In monitoring the progress of Opportunity, Dr. Joy Crisp, Project Scientist, reported that the Mars science group so far is "thrilled with the match" between their predicted models for the martian atmosphere and what Spirit actually went through during its descent last Saturday. Those same models will be used when the second rover, Opportunity, tries to land in less than two weeks.

"That atmospheric reconstruction is complete," Crisp said, "and only for the fourth time in history do we have a temperature versus height plot for Mars. This is a measurement taken thousands of times every day on Earth, with atmospheric sounding balloons, but it gives us confidence for the next rover’s landing" to know the models match well with what Spirit recorded. Since these models for the martian atmosphere panned out, there are currently no plans to change Opportunity’s entry significantly. A nine-second planned thruster burn was initiated on Friday, in a trajectory correction to put Opportunity closer to its final aim point in a region on Mars thought to be rich in aqueous minerals called hematite.

Volcano near Gusev crater, Apollineris Patera, 120 miles northwest.
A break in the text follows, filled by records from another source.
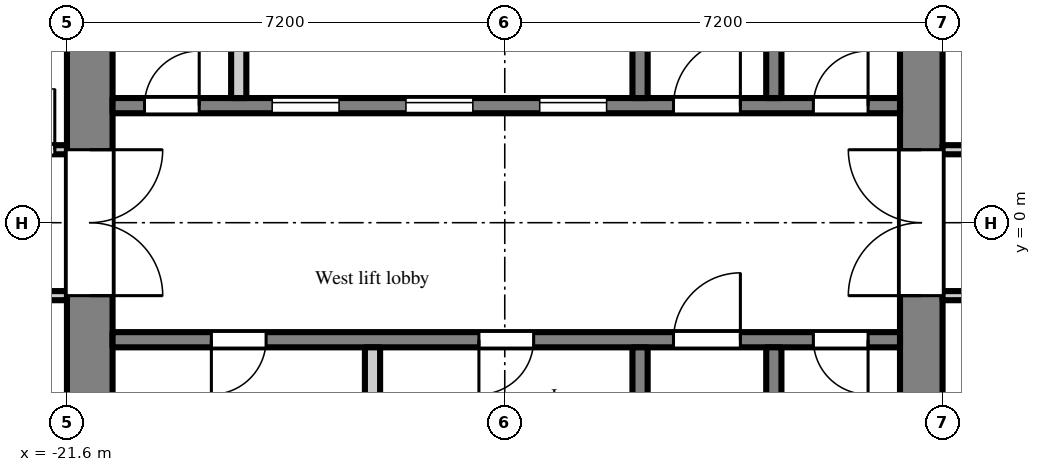
"""IFC4 building model, lengths in metres.
Left out: names, types, materials, properties, quantities, classifications, styles, units other than length and angle.
Written with IfcOpenShell. Run it as: python <this file> out.ifc"""

import sys

from ifc_helpers import new_model, si_unit, direction, frame, frame_2d, origin, place, context, subcontext, project, spatial, rectangle, extrude, element, fill, save


model = new_model("IFC4")
c1 = context("Model", 3, precision=1e-05, world=origin(), true_north=direction((0.0, 1.0)))
c2 = subcontext(c1, "Body", "Model", "MODEL_VIEW")
j1 = project(units=[si_unit("LENGTHUNIT", "METRE"), si_unit("PLANEANGLEUNIT", "RADIAN")], contexts=[c1])
p1 = place(None, origin())
s1 = spatial("IfcSite", under=j1, at=p1, CompositionType="ELEMENT")
p2 = place(p1, origin())
s2 = spatial("IfcBuilding", under=s1, at=p2, CompositionType="ELEMENT")
p3 = place(p2, frame((0.0, 0.0, 198.9)))
s3 = spatial("IfcBuildingStorey", under=s2, at=p3, CompositionType="ELEMENT", Elevation=198.9)
p4 = place(p3, frame((-7.55, -7.2, 0.0), z_axis=(0.0, 0.0, 1.0), x_axis=(0.0, 1.0, 0.0)))
e1 = element("IfcWall", 1, at=p4, inside=s3, PredefinedType="SHEAR", context=c2, shape_type="SweptSolid", body=[
    extrude(rectangle(XDim=14.4, YDim=0.7, at=frame_2d((7.2, 0.0))), origin(), (0.0, 0.0, 1.0), 2.6),
])
p5 = place(p4, frame((6.0, 0.0, 0.0)))
e2 = element("IfcOpeningElement", 2, at=p5, cuts=e1, PredefinedType="OPENING", context=c2, shape_type="SweptSolid", body=[
    extrude(rectangle(XDim=2.4, YDim=2.2, at=frame_2d((1.2, 1.1))), frame((0.0, 0.36, 0.0), z_axis=(0.0, -1.0, 0.0), x_axis=(1.0, 0.0, 0.0)), (0.0, 0.0, 1.0), 0.72),
])
p6 = place(p3, frame((-21.225, -7.2, 0.0), z_axis=(0.0, 0.0, 1.0), x_axis=(0.0, 1.0, 0.0)))
e3 = element("IfcWall", 3, at=p6, inside=s3, PredefinedType="SHEAR", context=c2, shape_type="SweptSolid", body=[
    extrude(rectangle(XDim=14.4, YDim=0.75, at=frame_2d((7.2, 0.0))), origin(), (0.0, 0.0, 1.0), 2.6),
])
p7 = place(p6, frame((6.0, 0.0, 0.0)))
e4 = element("IfcOpeningElement", 4, at=p7, cuts=e3, PredefinedType="OPENING", context=c2, shape_type="SweptSolid", body=[
    extrude(rectangle(XDim=2.4, YDim=2.2, at=frame_2d((1.2, 1.1))), frame((0.0, 0.385, 0.0), z_axis=(0.0, -1.0, 0.0), x_axis=(1.0, 0.0, 0.0)), (0.0, 0.0, 1.0), 0.77),
])
p8 = place(p3, frame((-7.9, 1.925, 0.0), z_axis=(0.0, 0.0, 1.0), x_axis=(-1.0, 0.0, 0.0)))
e5 = element("IfcWall", 5, at=p8, inside=s3, PredefinedType="SHEAR", context=c2, shape_type="SweptSolid", body=[
    extrude(rectangle(XDim=12.95, YDim=0.25, at=frame_2d((6.475, 0.0))), origin(), (0.0, 0.0, 1.0), 2.6),
])
p9 = place(p8, frame((4.825, 0.0, 0.0)))
e6 = element("IfcOpeningElement", 6, at=p9, cuts=e5, PredefinedType="OPENING", context=c2, shape_type="SweptSolid", body=[
    extrude(rectangle(XDim=1.1, YDim=2.1, at=frame_2d((0.55, 1.05))), frame((0.0, 0.135, 0.0), z_axis=(0.0, -1.0, 0.0), x_axis=(1.0, 0.0, 0.0)), (0.0, 0.0, 1.0), 0.27),
])
p10 = place(p8, frame((7.025, 0.0, 0.0)))
e7 = element("IfcOpeningElement", 7, at=p10, cuts=e5, PredefinedType="OPENING", context=c2, shape_type="SweptSolid", body=[
    extrude(rectangle(XDim=1.1, YDim=2.1, at=frame_2d((0.55, 1.05))), frame((0.0, 0.135, 0.0), z_axis=(0.0, -1.0, 0.0), x_axis=(1.0, 0.0, 0.0)), (0.0, 0.0, 1.0), 0.27),
])
p11 = place(p8, frame((9.225, 0.0, 0.0)))
e8 = element("IfcOpeningElement", 8, at=p11, cuts=e5, PredefinedType="OPENING", context=c2, shape_type="SweptSolid", body=[
    extrude(rectangle(XDim=1.1, YDim=2.1, at=frame_2d((0.55, 1.05))), frame((0.0, 0.135, 0.0), z_axis=(0.0, -1.0, 0.0), x_axis=(1.0, 0.0, 0.0)), (0.0, 0.0, 1.0), 0.27),
])
p12 = place(p8, frame((0.525, 0.0, 0.0)))
e9 = element("IfcOpeningElement", 9, at=p12, cuts=e5, PredefinedType="OPENING", context=c2, shape_type="SweptSolid", body=[
    extrude(rectangle(XDim=0.9, YDim=2.1, at=frame_2d((0.45, 1.05))), frame((0.0, 0.135, 0.0), z_axis=(0.0, -1.0, 0.0), x_axis=(1.0, 0.0, 0.0)), (0.0, 0.0, 1.0), 0.27),
])
p13 = place(p8, frame((2.625, 0.0, 0.0)))
e10 = element("IfcOpeningElement", 10, at=p13, cuts=e5, PredefinedType="OPENING", context=c2, shape_type="SweptSolid", body=[
    extrude(rectangle(XDim=1.1, YDim=2.1, at=frame_2d((0.55, 1.05))), frame((0.0, 0.135, 0.0), z_axis=(0.0, -1.0, 0.0), x_axis=(1.0, 0.0, 0.0)), (0.0, 0.0, 1.0), 0.27),
])
p14 = place(p8, frame((11.525, 0.0, 0.0)))
e11 = element("IfcOpeningElement", 11, at=p14, cuts=e5, PredefinedType="OPENING", context=c2, shape_type="SweptSolid", body=[
    extrude(rectangle(XDim=0.9, YDim=2.1, at=frame_2d((0.45, 1.05))), frame((0.0, 0.135, 0.0), z_axis=(0.0, -1.0, 0.0), x_axis=(1.0, 0.0, 0.0)), (0.0, 0.0, 1.0), 0.27),
])
p15 = place(p3, frame((-9.975, 2.05, 0.0), z_axis=(0.0, 0.0, 1.0), x_axis=(0.0, 1.0, 0.0)))
e12 = element("IfcWall", 12, at=p15, inside=s3, PredefinedType="SHEAR", context=c2, shape_type="SweptSolid", body=[
    extrude(rectangle(XDim=4.75, YDim=0.25, at=frame_2d((2.375, 0.0))), origin(), (0.0, 0.0, 1.0), 2.6),
])
p16 = place(p15, frame((2.95, 0.0, 0.0)))
e13 = element("IfcOpeningElement", 13, at=p16, cuts=e12, PredefinedType="OPENING", context=c2, shape_type="SweptSolid", body=[
    extrude(rectangle(XDim=1.1, YDim=2.1, at=frame_2d((0.55, 1.05))), frame((0.0, 0.135, 0.0), z_axis=(0.0, -1.0, 0.0), x_axis=(1.0, 0.0, 0.0)), (0.0, 0.0, 1.0), 0.27),
])
p17 = place(p3, frame((-12.175, 2.05, 0.0), z_axis=(0.0, 0.0, 1.0), x_axis=(0.0, 1.0, 0.0)))
e14 = element("IfcWall", 14, at=p17, inside=s3, PredefinedType="SHEAR", context=c2, shape_type="SweptSolid", body=[
    extrude(rectangle(XDim=4.75, YDim=0.25, at=frame_2d((2.375, 0.0))), origin(), (0.0, 0.0, 1.0), 2.6),
])
p18 = place(p17, frame((3.0, 0.0, 0.0)))
e15 = element("IfcOpeningElement", 15, at=p18, cuts=e14, PredefinedType="OPENING", context=c2, shape_type="SweptSolid", body=[
    extrude(rectangle(XDim=1.1, YDim=2.1, at=frame_2d((0.55, 1.05))), frame((0.0, 0.135, 0.0), z_axis=(0.0, -1.0, 0.0), x_axis=(1.0, 0.0, 0.0)), (0.0, 0.0, 1.0), 0.27),
])
p19 = place(p3, frame((-18.775, 2.05, 0.0), z_axis=(0.0, 0.0, 1.0), x_axis=(0.0, 1.0, 0.0)))
e16 = element("IfcWall", 16, at=p19, inside=s3, PredefinedType="PARTITIONING", context=c2, shape_type="SweptSolid", body=[
    extrude(rectangle(XDim=2.1, YDim=0.25, at=frame_2d((1.05, 0.0))), origin(), (0.0, 0.0, 1.0), 2.6),
])
p20 = place(p3, frame((-7.9, -1.925, 0.0), z_axis=(0.0, 0.0, 1.0), x_axis=(-1.0, 0.0, 0.0)))
e17 = element("IfcWall", 17, at=p20, inside=s3, PredefinedType="SHEAR", context=c2, shape_type="SweptSolid", body=[
    extrude(rectangle(XDim=12.95, YDim=0.25, at=frame_2d((6.475, 0.0))), origin(), (0.0, 0.0, 1.0), 2.6),
])
p21 = place(p20, frame((0.525, 0.0, 0.0)))
e18 = element("IfcOpeningElement", 18, at=p21, cuts=e17, PredefinedType="OPENING", context=c2, shape_type="SweptSolid", body=[
    extrude(rectangle(XDim=0.9, YDim=2.1, at=frame_2d((0.45, 1.05))), frame((0.0, 0.135, 0.0), z_axis=(0.0, -1.0, 0.0), x_axis=(1.0, 0.0, 0.0)), (0.0, 0.0, 1.0), 0.27),
])
p22 = place(p20, frame((2.625, 0.0, 0.0)))
e19 = element("IfcOpeningElement", 19, at=p22, cuts=e17, PredefinedType="OPENING", context=c2, shape_type="SweptSolid", body=[
    extrude(rectangle(XDim=1.1, YDim=2.1, at=frame_2d((0.55, 1.05))), frame((0.0, 0.135, 0.0), z_axis=(0.0, -1.0, 0.0), x_axis=(1.0, 0.0, 0.0)), (0.0, 0.0, 1.0), 0.27),
])
p23 = place(p20, frame((6.025, 0.0, 0.0)))
e20 = element("IfcOpeningElement", 20, at=p23, cuts=e17, PredefinedType="OPENING", context=c2, shape_type="SweptSolid", body=[
    extrude(rectangle(XDim=0.9, YDim=2.1, at=frame_2d((0.45, 1.05))), frame((0.0, 0.135, 0.0), z_axis=(0.0, -1.0, 0.0), x_axis=(1.0, 0.0, 0.0)), (0.0, 0.0, 1.0), 0.27),
])
p24 = place(p20, frame((10.425, 0.0, 0.0)))
e21 = element("IfcOpeningElement", 21, at=p24, cuts=e17, PredefinedType="OPENING", context=c2, shape_type="SweptSolid", body=[
    extrude(rectangle(XDim=0.9, YDim=2.1, at=frame_2d((0.45, 1.05))), frame((0.0, 0.135, 0.0), z_axis=(0.0, -1.0, 0.0), x_axis=(1.0, 0.0, 0.0)), (0.0, 0.0, 1.0), 0.27),
])
p25 = place(p3, frame((-9.975, -2.05, 0.0), z_axis=(0.0, 0.0, 1.0), x_axis=(0.0, -1.0, 0.0)))
e22 = element("IfcWall", 22, at=p25, inside=s3, PredefinedType="SHEAR", context=c2, shape_type="SweptSolid", body=[
    extrude(rectangle(XDim=4.75, YDim=0.25, at=frame_2d((2.375, 0.0))), origin(), (0.0, 0.0, 1.0), 2.6),
])
p26 = place(p25, frame((2.95, 0.0, 0.0)))
e23 = element("IfcOpeningElement", 23, at=p26, cuts=e22, PredefinedType="OPENING", context=c2, shape_type="SweptSolid", body=[
    extrude(rectangle(XDim=1.1, YDim=2.1, at=frame_2d((0.55, 1.05))), frame((0.0, 0.135, 0.0), z_axis=(0.0, -1.0, 0.0), x_axis=(1.0, 0.0, 0.0)), (0.0, 0.0, 1.0), 0.27),
])
p27 = place(p3, frame((-12.175, -2.05, 0.0), z_axis=(0.0, 0.0, 1.0), x_axis=(0.0, -1.0, 0.0)))
e24 = element("IfcWall", 24, at=p27, inside=s3, PredefinedType="SHEAR", context=c2, shape_type="SweptSolid", body=[
    extrude(rectangle(XDim=4.75, YDim=0.25, at=frame_2d((2.375, 0.0))), origin(), (0.0, 0.0, 1.0), 2.6),
])
p28 = place(p27, frame((3.0, 0.0, 0.0)))
e25 = element("IfcOpeningElement", 25, at=p28, cuts=e24, PredefinedType="OPENING", context=c2, shape_type="SweptSolid", body=[
    extrude(rectangle(XDim=1.1, YDim=2.1, at=frame_2d((0.55, 1.05))), frame((0.0, 0.135, 0.0), z_axis=(0.0, -1.0, 0.0), x_axis=(1.0, 0.0, 0.0)), (0.0, 0.0, 1.0), 0.27),
])
p29 = place(p3, frame((-16.575, -2.05, 0.0), z_axis=(0.0, 0.0, 1.0), x_axis=(0.0, -1.0, 0.0)))
e26 = element("IfcWall", 26, at=p29, inside=s3, PredefinedType="PARTITIONING", context=c2, shape_type="SweptSolid", body=[
    extrude(rectangle(XDim=2.1, YDim=0.25, at=frame_2d((1.05, 0.0))), origin(), (0.0, 0.0, 1.0), 2.6),
])
p30 = place(p3, frame((-25.125, -1.2, 0.0), z_axis=(0.0, 0.0, 1.0), x_axis=(1.0, 0.0, 0.0)))
e27 = element("IfcWall", 27, at=p30, inside=s3, PredefinedType="PARTITIONING", context=c2, shape_type="SweptSolid", body=[
    extrude(rectangle(XDim=3.525, YDim=0.15, at=frame_2d((1.762, 0.0))), origin(), (0.0, 0.0, 1.0), 2.6),
])
p31 = place(p30, frame((1.925, 0.0, 0.0)))
e28 = element("IfcOpeningElement", 28, at=p31, cuts=e27, PredefinedType="OPENING", context=c2, shape_type="SweptSolid", body=[
    extrude(rectangle(XDim=1.0, YDim=2.1, at=frame_2d((0.5, 1.05))), frame((0.0, 0.085, 0.0), z_axis=(0.0, -1.0, 0.0), x_axis=(1.0, 0.0, 0.0)), (0.0, 0.0, 1.0), 0.17),
])
p32 = place(p3, frame((-25.125, 1.2, 0.0), z_axis=(0.0, 0.0, 1.0), x_axis=(1.0, 0.0, 0.0)))
e29 = element("IfcWall", 29, at=p32, inside=s3, PredefinedType="PARTITIONING", context=c2, shape_type="SweptSolid", body=[
    extrude(rectangle(XDim=3.525, YDim=0.15, at=frame_2d((1.762, 0.0))), origin(), (0.0, 0.0, 1.0), 2.6),
])
p33 = place(p32, frame((2.325, 0.0, 0.0)))
e30 = element("IfcOpeningElement", 30, at=p33, cuts=e29, PredefinedType="OPENING", context=c2, shape_type="SweptSolid", body=[
    extrude(rectangle(XDim=1.0, YDim=2.1, at=frame_2d((0.5, 1.05))), frame((0.0, 0.085, 0.0), z_axis=(0.0, -1.0, 0.0), x_axis=(1.0, 0.0, 0.0)), (0.0, 0.0, 1.0), 0.17),
])
p34 = place(p3, frame((-7.2, -1.2, 0.0), z_axis=(0.0, 0.0, 1.0), x_axis=(1.0, 0.0, 0.0)))
e31 = element("IfcWall", 31, at=p34, inside=s3, PredefinedType="PARTITIONING", context=c2, shape_type="SweptSolid", body=[
    extrude(rectangle(XDim=6.075, YDim=0.15, at=frame_2d((3.038, 0.0))), origin(), (0.0, 0.0, 1.0), 2.6),
])
p35 = place(p34, frame((2.55, 0.0, 0.0)))
e32 = element("IfcOpeningElement", 32, at=p35, cuts=e31, PredefinedType="OPENING", context=c2, shape_type="SweptSolid", body=[
    extrude(rectangle(XDim=0.9, YDim=2.1, at=frame_2d((0.45, 1.05))), frame((0.0, 0.085, 0.0), z_axis=(0.0, -1.0, 0.0), x_axis=(1.0, 0.0, 0.0)), (0.0, 0.0, 1.0), 0.17),
])
p36 = place(p3, frame((-7.2, 1.2, 0.0), z_axis=(0.0, 0.0, 1.0), x_axis=(1.0, 0.0, 0.0)))
e33 = element("IfcWall", 33, at=p36, inside=s3, PredefinedType="PARTITIONING", context=c2, shape_type="SweptSolid", body=[
    extrude(rectangle(XDim=6.075, YDim=0.15, at=frame_2d((3.038, 0.0))), origin(), (0.0, 0.0, 1.0), 2.6),
])
p37 = place(p36, frame((2.55, 0.0, 0.0)))
e34 = element("IfcOpeningElement", 34, at=p37, cuts=e33, PredefinedType="OPENING", context=c2, shape_type="SweptSolid", body=[
    extrude(rectangle(XDim=0.9, YDim=2.1, at=frame_2d((0.45, 1.05))), frame((0.0, 0.085, 0.0), z_axis=(0.0, -1.0, 0.0), x_axis=(1.0, 0.0, 0.0)), (0.0, 0.0, 1.0), 0.17),
])
p38 = place(p36, frame((0.55, 0.0, 0.0)))
e35 = element("IfcOpeningElement", 35, at=p38, cuts=e33, PredefinedType="OPENING", context=c2, shape_type="SweptSolid", body=[
    extrude(rectangle(XDim=0.9, YDim=2.1, at=frame_2d((0.45, 1.05))), frame((0.0, 0.085, 0.0), z_axis=(0.0, -1.0, 0.0), x_axis=(1.0, 0.0, 0.0)), (0.0, 0.0, 1.0), 0.17),
])
p39 = place(p9, origin())
e36 = element("IfcDoor", 36, at=p39, inside=s3, OperationType="SLIDING_TO_LEFT", PredefinedType="DOOR", context=c2, shape_type="SweptSolid", body=[
    extrude(rectangle(XDim=1.1, YDim=2.1, at=frame_2d((0.55, 1.05))), frame((0.0, 0.025, 0.0), z_axis=(0.0, -1.0, 0.0), x_axis=(1.0, 0.0, 0.0)), (0.0, 0.0, 1.0), 0.05),
])
fill(e6, e36)
p40 = place(p10, origin())
e37 = element("IfcDoor", 37, at=p40, inside=s3, OperationType="SLIDING_TO_LEFT", PredefinedType="DOOR", context=c2, shape_type="SweptSolid", body=[
    extrude(rectangle(XDim=1.1, YDim=2.1, at=frame_2d((0.55, 1.05))), frame((0.0, 0.025, 0.0), z_axis=(0.0, -1.0, 0.0), x_axis=(1.0, 0.0, 0.0)), (0.0, 0.0, 1.0), 0.05),
])
fill(e7, e37)
p41 = place(p11, origin())
e38 = element("IfcDoor", 38, at=p41, inside=s3, OperationType="SLIDING_TO_LEFT", PredefinedType="DOOR", context=c2, shape_type="SweptSolid", body=[
    extrude(rectangle(XDim=1.1, YDim=2.1, at=frame_2d((0.55, 1.05))), frame((0.0, 0.025, 0.0), z_axis=(0.0, -1.0, 0.0), x_axis=(1.0, 0.0, 0.0)), (0.0, 0.0, 1.0), 0.05),
])
fill(e8, e38)
p42 = place(p12, frame((0.9, 0.0, 0.0), z_axis=(0.0, 0.0, 1.0), x_axis=(-1.0, 0.0, 0.0)))
e39 = element("IfcDoor", 39, at=p42, inside=s3, OperationType="SINGLE_SWING_RIGHT", PredefinedType="DOOR", context=c2, shape_type="SweptSolid", body=[
    extrude(rectangle(XDim=0.9, YDim=2.1, at=frame_2d((0.45, 1.05))), frame((0.0, 0.025, 0.0), z_axis=(0.0, -1.0, 0.0), x_axis=(1.0, 0.0, 0.0)), (0.0, 0.0, 1.0), 0.05),
])
fill(e9, e39)
p43 = place(p21, origin())
e40 = element("IfcDoor", 40, at=p43, inside=s3, OperationType="SINGLE_SWING_LEFT", PredefinedType="DOOR", context=c2, shape_type="SweptSolid", body=[
    extrude(rectangle(XDim=0.9, YDim=2.1, at=frame_2d((0.45, 1.05))), frame((0.0, 0.025, 0.0), z_axis=(0.0, -1.0, 0.0), x_axis=(1.0, 0.0, 0.0)), (0.0, 0.0, 1.0), 0.05),
])
fill(e18, e40)
p44 = place(p13, frame((1.1, 0.0, 0.0), z_axis=(0.0, 0.0, 1.0), x_axis=(-1.0, 0.0, 0.0)))
e41 = element("IfcDoor", 41, at=p44, inside=s3, OperationType="SINGLE_SWING_RIGHT", PredefinedType="DOOR", context=c2, shape_type="SweptSolid", body=[
    extrude(rectangle(XDim=1.1, YDim=2.1, at=frame_2d((0.55, 1.05))), frame((0.0, 0.025, 0.0), z_axis=(0.0, -1.0, 0.0), x_axis=(1.0, 0.0, 0.0)), (0.0, 0.0, 1.0), 0.05),
])
fill(e10, e41)
p45 = place(p22, frame((1.1, 0.0, 0.0), z_axis=(0.0, 0.0, 1.0), x_axis=(-1.0, 0.0, 0.0)))
e42 = element("IfcDoor", 42, at=p45, inside=s3, OperationType="SINGLE_SWING_RIGHT", PredefinedType="DOOR", context=c2, shape_type="SweptSolid", body=[
    extrude(rectangle(XDim=1.1, YDim=2.1, at=frame_2d((0.55, 1.05))), frame((0.0, 0.025, 0.0), z_axis=(0.0, -1.0, 0.0), x_axis=(1.0, 0.0, 0.0)), (0.0, 0.0, 1.0), 0.05),
])
fill(e19, e42)
p46 = place(p5, origin())
e43 = element("IfcDoor", 43, at=p46, inside=s3, OperationType="DOUBLE_DOOR_DOUBLE_SWING", PredefinedType="DOOR", context=c2, shape_type="SweptSolid", body=[
    extrude(rectangle(XDim=2.4, YDim=2.2, at=frame_2d((1.2, 1.1))), frame((0.0, 0.025, 0.0), z_axis=(0.0, -1.0, 0.0), x_axis=(1.0, 0.0, 0.0)), (0.0, 0.0, 1.0), 0.05),
])
fill(e2, e43)
p47 = place(p7, frame((2.4, 0.0, 0.0), z_axis=(0.0, 0.0, 1.0), x_axis=(-1.0, 0.0, 0.0)))
e44 = element("IfcDoor", 44, at=p47, inside=s3, OperationType="DOUBLE_DOOR_DOUBLE_SWING", PredefinedType="DOOR", context=c2, shape_type="SweptSolid", body=[
    extrude(rectangle(XDim=2.4, YDim=2.2, at=frame_2d((1.2, 1.1))), frame((0.0, 0.025, 0.0), z_axis=(0.0, -1.0, 0.0), x_axis=(1.0, 0.0, 0.0)), (0.0, 0.0, 1.0), 0.05),
])
fill(e4, e44)
p48 = place(p14, frame((0.9, 0.0, 0.0), z_axis=(0.0, 0.0, 1.0), x_axis=(-1.0, 0.0, 0.0)))
e45 = element("IfcDoor", 45, at=p48, inside=s3, OperationType="SINGLE_SWING_RIGHT", PredefinedType="DOOR", context=c2, shape_type="SweptSolid", body=[
    extrude(rectangle(XDim=0.9, YDim=2.1, at=frame_2d((0.45, 1.05))), frame((0.0, 0.025, 0.0), z_axis=(0.0, -1.0, 0.0), x_axis=(1.0, 0.0, 0.0)), (0.0, 0.0, 1.0), 0.05),
])
fill(e11, e45)
p49 = place(p23, origin())
e46 = element("IfcDoor", 46, at=p49, inside=s3, OperationType="SINGLE_SWING_RIGHT", PredefinedType="DOOR", context=c2, shape_type="SweptSolid", body=[
    extrude(rectangle(XDim=0.9, YDim=2.1, at=frame_2d((0.45, 1.05))), frame((0.0, 0.025, 0.0), z_axis=(0.0, -1.0, 0.0), x_axis=(1.0, 0.0, 0.0)), (0.0, 0.0, 1.0), 0.05),
])
fill(e20, e46)
p50 = place(p24, origin())
e47 = element("IfcDoor", 47, at=p50, inside=s3, OperationType="SINGLE_SWING_RIGHT", PredefinedType="DOOR", context=c2, shape_type="SweptSolid", body=[
    extrude(rectangle(XDim=0.9, YDim=2.1, at=frame_2d((0.45, 1.05))), frame((0.0, 0.025, 0.0), z_axis=(0.0, -1.0, 0.0), x_axis=(1.0, 0.0, 0.0)), (0.0, 0.0, 1.0), 0.05),
])
fill(e21, e47)
p51 = place(p33, origin())
e48 = element("IfcDoor", 48, at=p51, inside=s3, OperationType="SINGLE_SWING_RIGHT", PredefinedType="DOOR", context=c2, shape_type="SweptSolid", body=[
    extrude(rectangle(XDim=1.0, YDim=2.1, at=frame_2d((0.5, 1.05))), frame((0.0, 0.025, 0.0), z_axis=(0.0, -1.0, 0.0), x_axis=(1.0, 0.0, 0.0)), (0.0, 0.0, 1.0), 0.05),
])
fill(e30, e48)
save(model, sys.argv[1])

Credit: NASA/JPL

Meridiani is likely to have a more grey, volcanic look to it than Gusev’s flat plain, but with intriguing possibilities for also having a water-formed history and an aqueous mineral called hematite. The rock density at Meridiani is also hoped to be less than twenty percent of the landscape, which will make driving longer distances possible.

Matt Golombek, project scientist for the 1997 Pathfinder mission and a current Spirit science team member previewed what those initial panoramas from Meridiani might appear like: "It will look completely different. Meridiani has virtually no dust (low albedo). You will see a dark-grey basaltic plain, with much more of the rolling landscape" seen by Pathfinder.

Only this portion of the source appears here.